The popular and scientific literature is rife with spurious correlation. And each side of this issue charges the other side with exactly that.

"A generative model of causation at a minimum must establish that the association between corporal punishment and a specific negative outcome in a given population is consistent, strong, specific, temporally prior, and theoretically coherent." (Diana Baumrind, Oct 1996)

"By unambiguous evidence, we require longitudinal investigation with appropriate controls for potential confounding variables, particularly the child's behavioral elicitation of the punishment." (Cohen, Pediatrics, Oct 1996



2. Cognitive leaps

Almost all the studies mix up various approaches in ways that make it difficult, if not impossible, to ascertain the effects of any particular practice. To wit, Lyons, Larzelere, to a degree Baumrind say that the "best studies" actually demonstrate beneficial, not harmful effects of spanking. Then, as evidence, they cite studies like Baumrind's decade-long study of (upper middle class) young families which found that "parents employing a balanced disciplinary style of positive reinforcement and firm control (including spanking) experienced better results with the children than those employing highly authoritarian or highly permissive disciplinary approaches." Yes, of course. I believe everybody agrees that parenting must include both support (nurturance, responsiveness, love) AND control (discipline, demandingness, limits). Larzelere and other spanking proponents then leap to the conclusion that spanking in combination with positive reinforcers results in desirable outcomes. But, what these studies almost never tell us is whether the combination of positive reinforcement and firm control does the job as well or better without the spanking. (Straus conundrum: "Do what you're doing, just leave out the spanking. We go a bit further--set a better example, provide more nurturance, provide more discipline (limits), enforce them firmly, use less punishment, and preferably use no physical at all.)
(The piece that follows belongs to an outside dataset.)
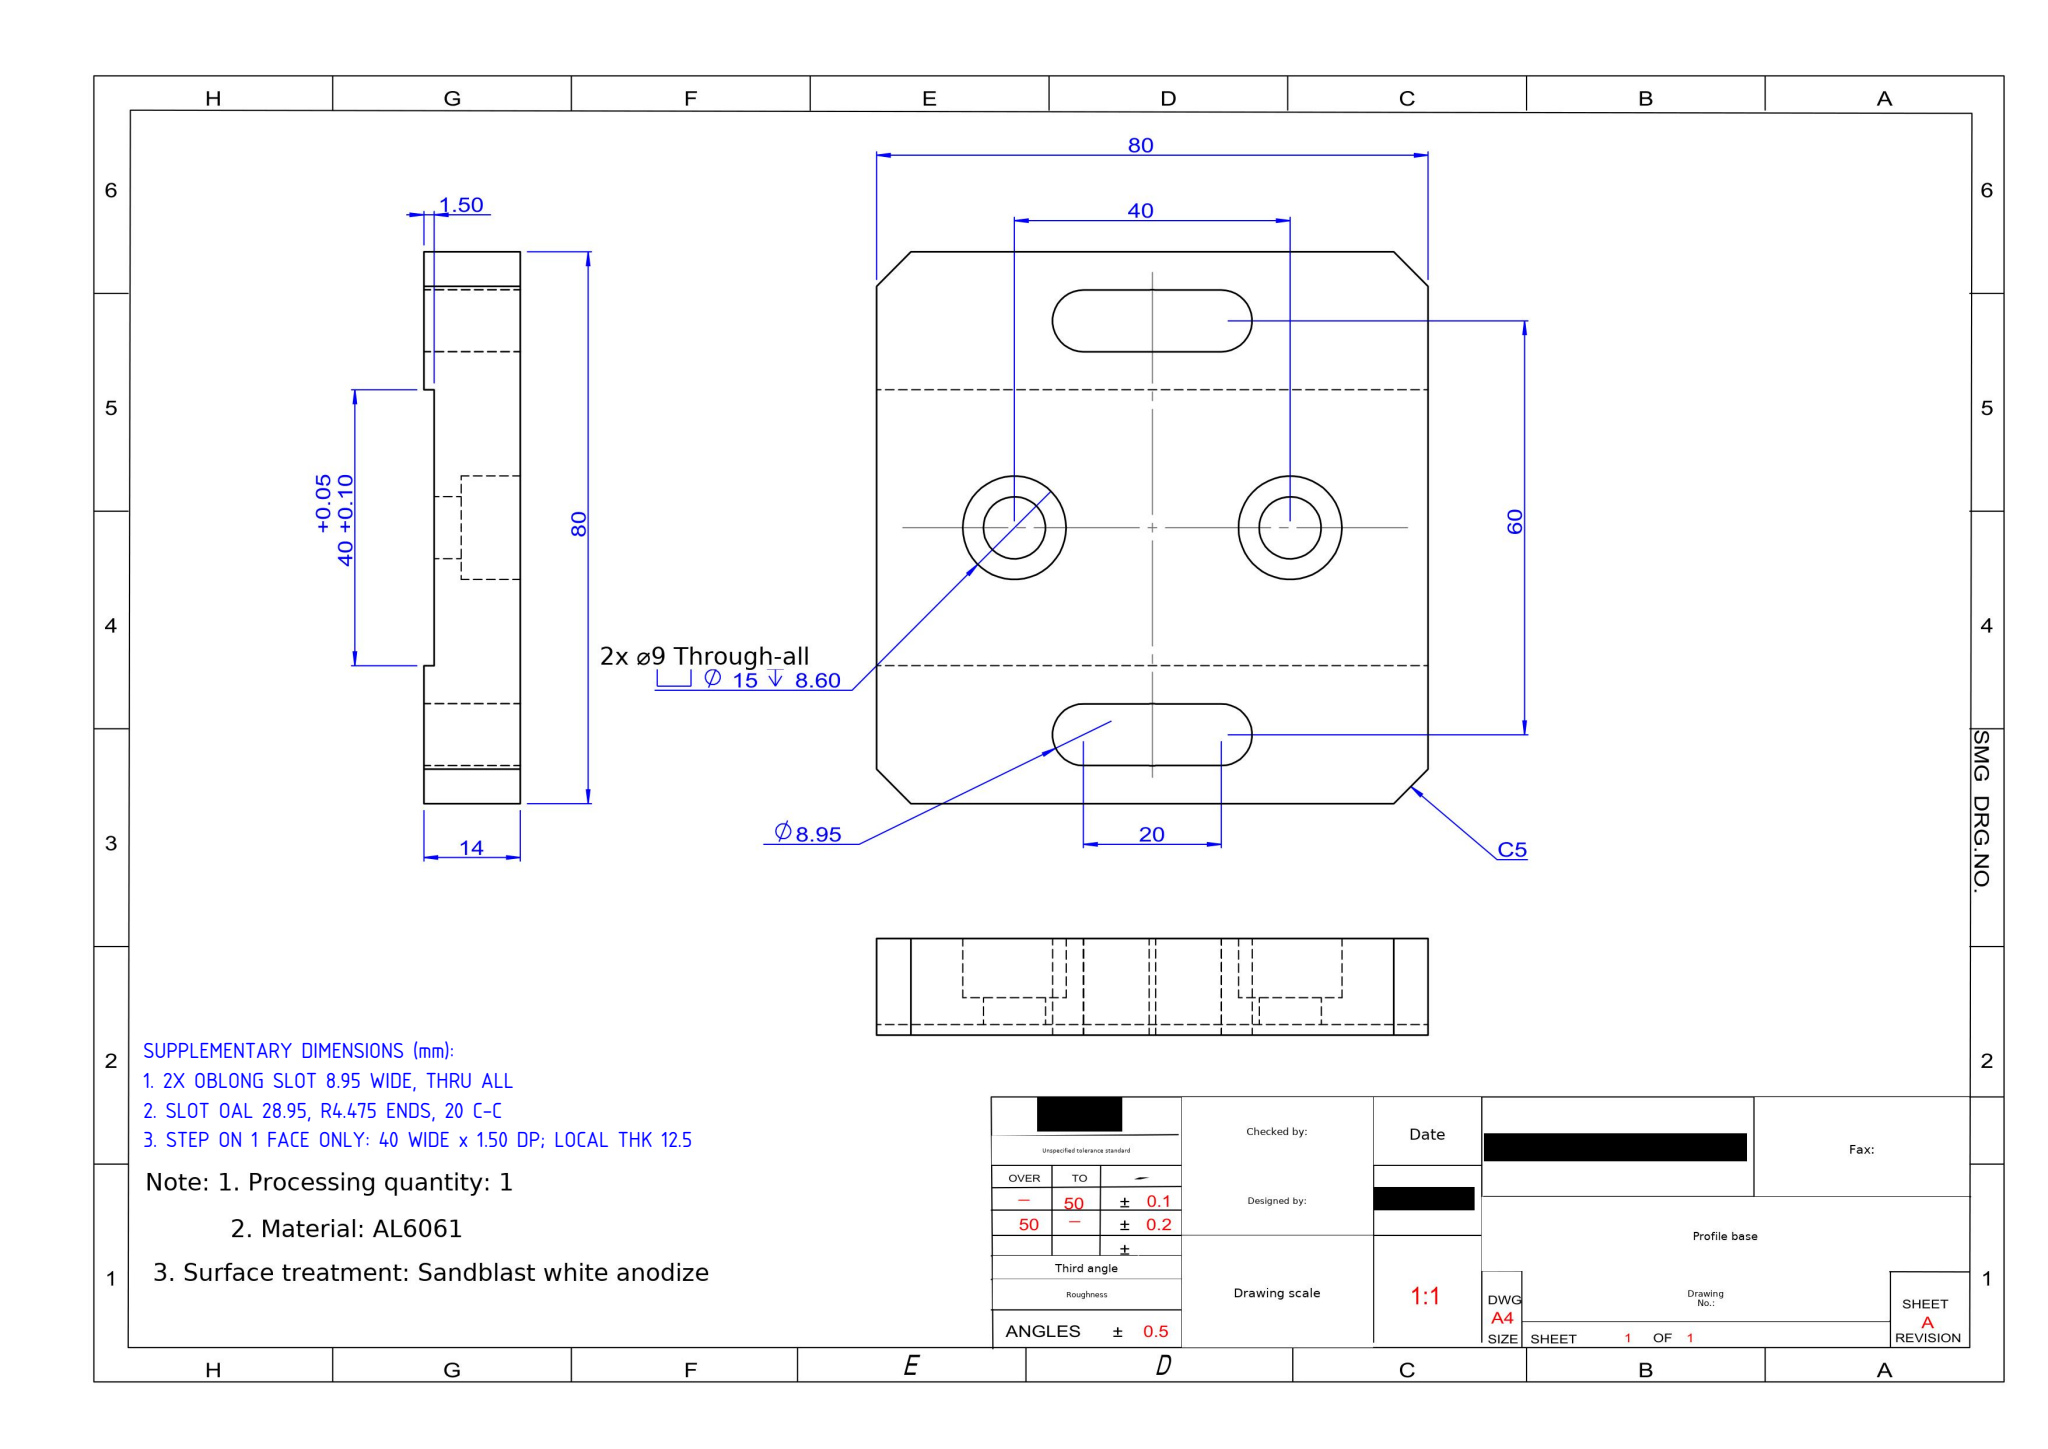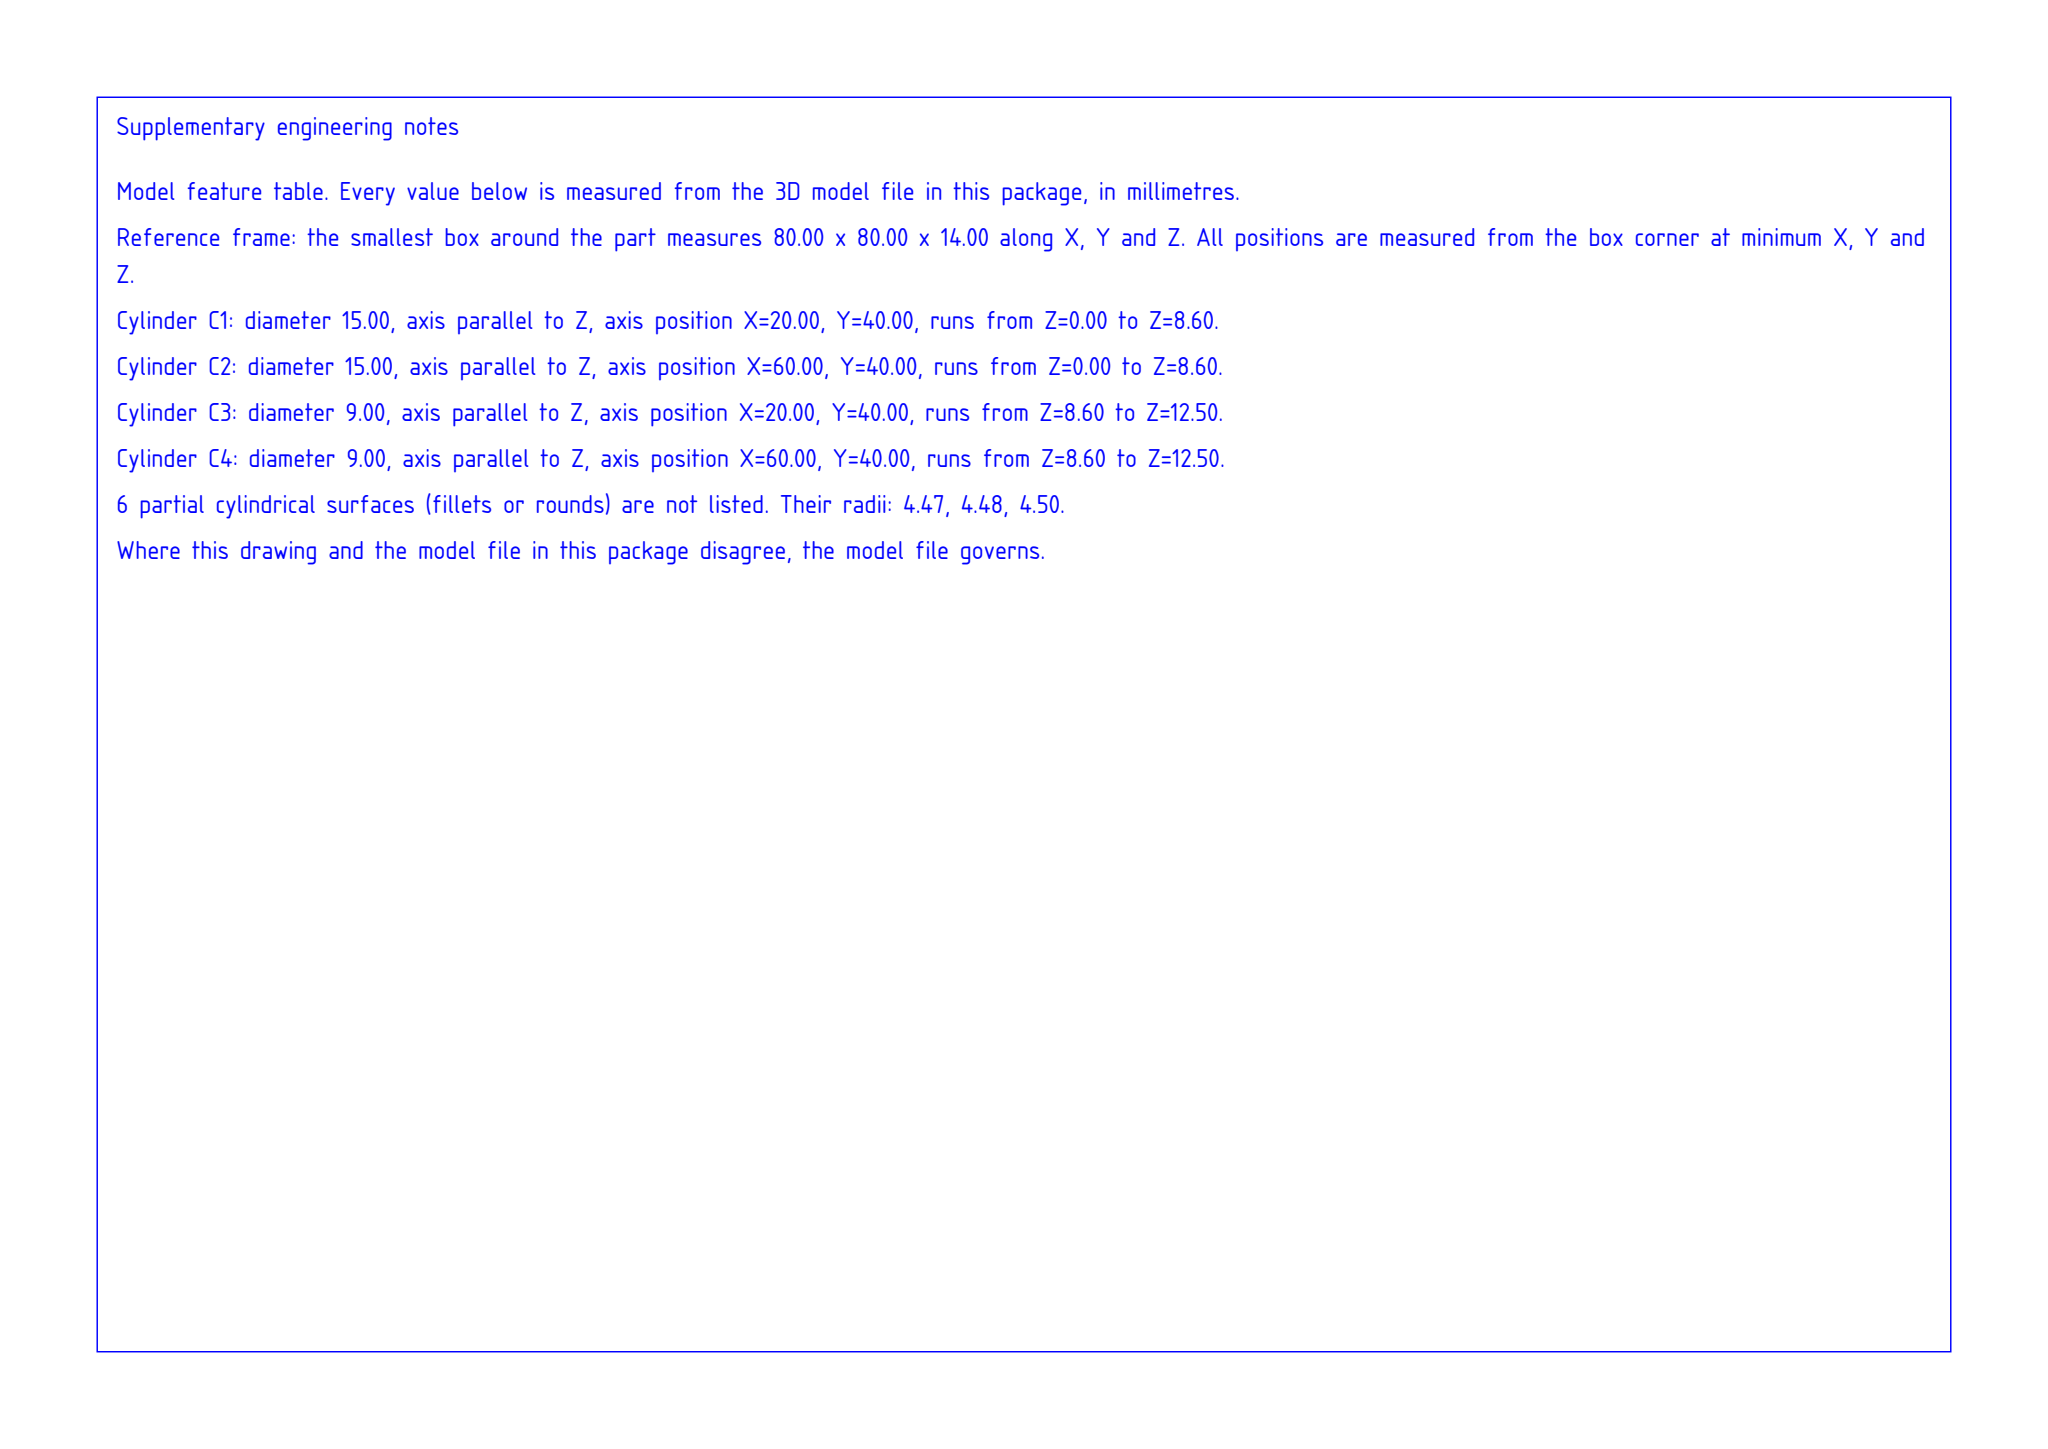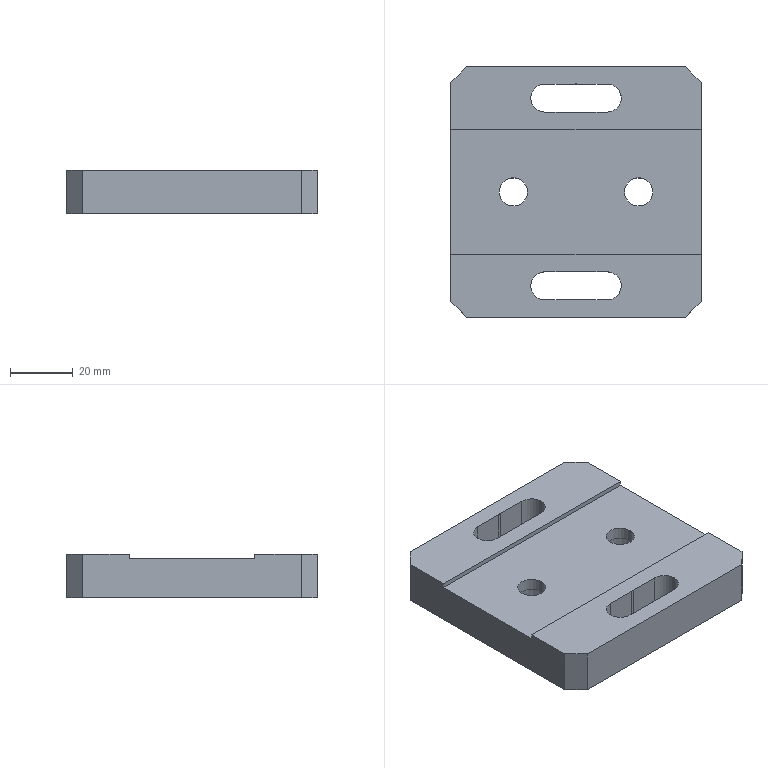Part | SolidWorks | mm | 1 solid | 42 faces | box 80 x 80 x 14 mm | volume 73790 mm3 | plane 24 | cylinder 18 | commonest cylinder face diameters 9 x8 8.95 x6 15 x4

3.Heavy reliance on self-report--notorious reliability and validity issues



4. Heavy reliance on retrospective data



5. Lack of control or comparison groups



6. No Time 1 data on the outcome variable of interest.

If you don't have a measure of the aggressiveness of the child at Time 1, you won't be able to tell whether child is aggressive at Time 2 because was spanked or whether parents spanked because child was aggressive and difficult. Larzelere criticizes Straus and others on this matter.



7. Overlooking child's age



8. Not taking into account context of the punishment—psychological climate, supportiveness, love



9. Not taking into consideration "cultural context"—the supposedly differing effects when spanking is a "legitimate" practice in the culture.



10. "If several studies find the same relationship between an independent and dependent variable, one can have confidence that such a relationship probably exists, even when the studies are methodologically flawed." (Koski, Marr & Fam Rev 12 (1-2), 1987

"Despite the limitations of each of the studies, the weak point of one study may be dealt with in another. Of course, that other study, in turn will have its own limitations. But when so many different studies, using such a variety of methods, almost always show that corporal punishment is related to violence and other anti-social behavior, it is truly remarkable." (Straus, Pediatrics, Oct 1996, p. 841)



11. Research Design

  1. Retrospective—questioned individuals for their retrospective recall of physical punishment experiences during childhood.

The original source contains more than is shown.